Lecture 28: RSA Encryption

Summary

Today we discussed the results of the second midterm, including how your raw score correlate to a letter grade. Students who received below a "C" were told how they could receive some "redemption" points to help pull up their grade, but the necessary work is due by Friday (unless otherwise scheduled with the instructor). Afterwards we discussed number theoretic encryption methods, including the modern-day workhorse known as RSA.

Midterm 2 Results

I handed back the second midterms at the beginning of class today. The breakdown on grades looks like this

Raw Grade Letter Equivalent
[75,100] Aish
[63,75) Bish
[45,63) Cish

Students who received a C or lower on the test have the following chance for redemption: near the top of the first page on your returned midterm, you should see a message that looks something like "+4 for #2,5,6." The idea is that you can receive a certain number of points back on your midterm if you re-do the problems listed (in the example above, the person would get back up to 4 points for redoing problems 2, 5 and 6). If you've been asked to re-do question 2, you should include a justification for your answer (i.e., give a counterexample if the result is false or a brief justification if the result is true). For other problems, you should include all your work and relevant explanations. Your "re-do" problems are due to me by Friday at class, though I'm willing to give an extension if you have exceptional circumstances (just ask).

RSA Encryption

Before introducing RSA encryption, we'll introduce some basic cryptographic terminology. To start, a person usually has a message that they would like to securely deliver to someone else. This message is called the cleartext. Typically the first step in the transmission is to conver the cleartext into some sort of numeric equivalent. It's pretty typical in examples to use the following numeric correspondence

Letter Number Letter Number
A 01 N 14
B 02 O 15
C 03 P 16
D 04 Q 17
E 05 R 18
F 06 S 19
G 07 T 20
H 08 U 21
I 09 V 22
J 10 W 23
K 11 X 24
L 12 Y 25
M 13 Z 26

Typically there are other characters that are encoded as well. In class, for instance, we let 00 stand for the underscore character _. The numeric equivalent of cleartext is called plaintext.

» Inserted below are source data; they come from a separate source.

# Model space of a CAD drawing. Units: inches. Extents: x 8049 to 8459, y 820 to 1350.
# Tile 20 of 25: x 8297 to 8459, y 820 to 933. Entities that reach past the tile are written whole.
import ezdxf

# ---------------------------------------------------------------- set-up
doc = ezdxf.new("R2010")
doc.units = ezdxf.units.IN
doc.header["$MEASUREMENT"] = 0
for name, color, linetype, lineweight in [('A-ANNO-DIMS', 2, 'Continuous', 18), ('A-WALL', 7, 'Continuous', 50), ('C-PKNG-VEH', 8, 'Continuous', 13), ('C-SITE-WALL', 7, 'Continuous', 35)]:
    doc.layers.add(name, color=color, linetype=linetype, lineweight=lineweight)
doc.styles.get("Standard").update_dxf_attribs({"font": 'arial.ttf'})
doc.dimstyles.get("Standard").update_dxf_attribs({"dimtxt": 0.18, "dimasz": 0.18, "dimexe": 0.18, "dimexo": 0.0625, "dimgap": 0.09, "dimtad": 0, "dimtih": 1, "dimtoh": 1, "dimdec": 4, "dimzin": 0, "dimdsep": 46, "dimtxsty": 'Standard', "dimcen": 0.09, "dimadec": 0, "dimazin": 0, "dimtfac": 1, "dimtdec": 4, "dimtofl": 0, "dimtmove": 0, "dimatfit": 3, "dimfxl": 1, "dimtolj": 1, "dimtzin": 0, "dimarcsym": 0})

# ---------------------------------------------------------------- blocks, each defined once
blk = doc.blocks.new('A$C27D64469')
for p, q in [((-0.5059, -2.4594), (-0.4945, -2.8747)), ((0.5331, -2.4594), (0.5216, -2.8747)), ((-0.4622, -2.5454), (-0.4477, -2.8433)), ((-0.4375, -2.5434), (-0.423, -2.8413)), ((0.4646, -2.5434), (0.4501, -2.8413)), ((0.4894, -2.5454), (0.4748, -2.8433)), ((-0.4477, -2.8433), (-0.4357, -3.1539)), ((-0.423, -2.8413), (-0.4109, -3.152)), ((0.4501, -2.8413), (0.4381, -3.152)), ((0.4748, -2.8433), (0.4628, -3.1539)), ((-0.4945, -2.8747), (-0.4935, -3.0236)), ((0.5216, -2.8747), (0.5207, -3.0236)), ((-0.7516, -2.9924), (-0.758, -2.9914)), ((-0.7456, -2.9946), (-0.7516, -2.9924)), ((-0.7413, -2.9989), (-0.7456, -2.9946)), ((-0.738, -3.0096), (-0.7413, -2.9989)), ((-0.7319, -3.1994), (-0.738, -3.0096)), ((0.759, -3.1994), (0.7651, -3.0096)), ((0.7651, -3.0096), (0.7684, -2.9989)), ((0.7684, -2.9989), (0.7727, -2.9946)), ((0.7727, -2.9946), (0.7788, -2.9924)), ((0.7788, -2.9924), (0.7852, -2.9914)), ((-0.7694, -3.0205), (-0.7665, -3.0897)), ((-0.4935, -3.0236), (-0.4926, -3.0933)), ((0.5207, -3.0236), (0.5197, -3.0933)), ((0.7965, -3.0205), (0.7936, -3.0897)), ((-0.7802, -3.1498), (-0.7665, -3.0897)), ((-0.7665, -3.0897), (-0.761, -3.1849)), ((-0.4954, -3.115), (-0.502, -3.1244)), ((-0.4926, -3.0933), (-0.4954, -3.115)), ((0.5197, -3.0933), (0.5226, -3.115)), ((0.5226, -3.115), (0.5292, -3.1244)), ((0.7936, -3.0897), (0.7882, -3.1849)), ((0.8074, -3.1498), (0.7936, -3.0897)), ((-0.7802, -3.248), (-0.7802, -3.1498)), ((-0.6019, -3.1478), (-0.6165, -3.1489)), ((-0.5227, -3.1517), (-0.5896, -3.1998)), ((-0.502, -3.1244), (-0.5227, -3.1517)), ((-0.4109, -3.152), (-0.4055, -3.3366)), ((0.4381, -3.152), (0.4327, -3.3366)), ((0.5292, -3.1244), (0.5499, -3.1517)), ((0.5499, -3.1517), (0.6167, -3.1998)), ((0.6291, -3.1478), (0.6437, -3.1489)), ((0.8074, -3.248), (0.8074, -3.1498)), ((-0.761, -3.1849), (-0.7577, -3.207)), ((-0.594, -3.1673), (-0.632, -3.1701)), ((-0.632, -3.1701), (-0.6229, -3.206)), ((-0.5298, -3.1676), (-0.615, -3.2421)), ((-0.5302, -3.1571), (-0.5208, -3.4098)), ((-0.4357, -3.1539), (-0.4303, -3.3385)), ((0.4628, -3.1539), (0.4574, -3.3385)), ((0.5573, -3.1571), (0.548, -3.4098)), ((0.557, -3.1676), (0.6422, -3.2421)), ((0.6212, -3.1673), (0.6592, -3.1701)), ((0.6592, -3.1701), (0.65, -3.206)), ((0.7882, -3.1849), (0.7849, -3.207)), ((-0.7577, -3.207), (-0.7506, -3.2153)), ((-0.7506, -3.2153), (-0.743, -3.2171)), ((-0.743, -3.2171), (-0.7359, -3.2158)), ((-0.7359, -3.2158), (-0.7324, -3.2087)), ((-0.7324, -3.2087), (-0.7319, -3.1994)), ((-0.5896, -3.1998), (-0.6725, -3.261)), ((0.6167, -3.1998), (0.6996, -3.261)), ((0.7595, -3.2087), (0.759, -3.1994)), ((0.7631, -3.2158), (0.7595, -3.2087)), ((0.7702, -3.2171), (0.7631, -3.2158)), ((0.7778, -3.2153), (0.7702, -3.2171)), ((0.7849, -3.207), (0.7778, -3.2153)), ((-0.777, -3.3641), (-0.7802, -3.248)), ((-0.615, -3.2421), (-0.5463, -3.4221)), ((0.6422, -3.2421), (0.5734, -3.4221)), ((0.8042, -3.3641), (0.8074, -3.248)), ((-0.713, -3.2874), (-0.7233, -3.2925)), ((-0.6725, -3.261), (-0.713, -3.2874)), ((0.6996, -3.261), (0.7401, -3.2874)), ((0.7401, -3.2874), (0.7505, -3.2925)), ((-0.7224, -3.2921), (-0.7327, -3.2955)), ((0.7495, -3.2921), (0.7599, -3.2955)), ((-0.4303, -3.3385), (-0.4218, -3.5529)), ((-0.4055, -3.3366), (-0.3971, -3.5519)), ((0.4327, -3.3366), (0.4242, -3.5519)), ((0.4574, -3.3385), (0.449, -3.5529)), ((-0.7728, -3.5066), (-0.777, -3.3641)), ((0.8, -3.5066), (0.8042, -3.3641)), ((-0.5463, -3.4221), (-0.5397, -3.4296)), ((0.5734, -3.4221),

Example: Converting Cleartext to Plaintext

Suppose you wanted to send the message "I LIKE ICE CREAM." We'll instead send the message "I_LIKE_ICE_CREAM" since we don't have a numeric equivalent to the space character. When we can replace each character by the corresponding two digit number, we get the following plaintext:

09001209110500090305000318050113.

This process gives us the following

Definition: The message that you'd like to send is called cleartext. After you've convered the cleartext into its numeric equivalent, we get plaintext.

The goal of encrypting a message is to prevent people who might steal your message from being able to understand it. Hence encryption is the process of transforming the plaintext into some scrambled ciphertext that malicious parties can't understand. If the message you send is, in fact, received by someone who is intended to read it, then this person needs to be able to convert the scrambled up ciphertext they've received back into regular ol' plaintext (and then to clear text). This process — of converting ciphertext back into cleartext — is called decryption.

An Old Method for Encrypting

Julius Caesar is credited with using one of the early encryption methods. His method was to take the plaintext numbers and "shift" them in order to scramble characters. For example, if one shifted the value of each character by +1, then we'd have

(1)
\begin{align} \_ \rightarrow 01 \quad A \rightarrow 02 \quad B \rightarrow 03 \quad \cdots \quad Y \rightarrow 26 \quad Z \rightarrow 00. \end{align}

Notice that all we've done is replaced a given numeric value N with $N+1 \mod{27}$.

Using Caesar's Shift

Our cleartext "I_LIKE_ICE_CREAM" was converted into plaintext above as

09001209110500090305000318050113.

Now we're going to shift each of the characters by +1 in order to scramble up our message. Notice that we apply this shift to each pair of numbers, since each character is represented by a pair of numbers.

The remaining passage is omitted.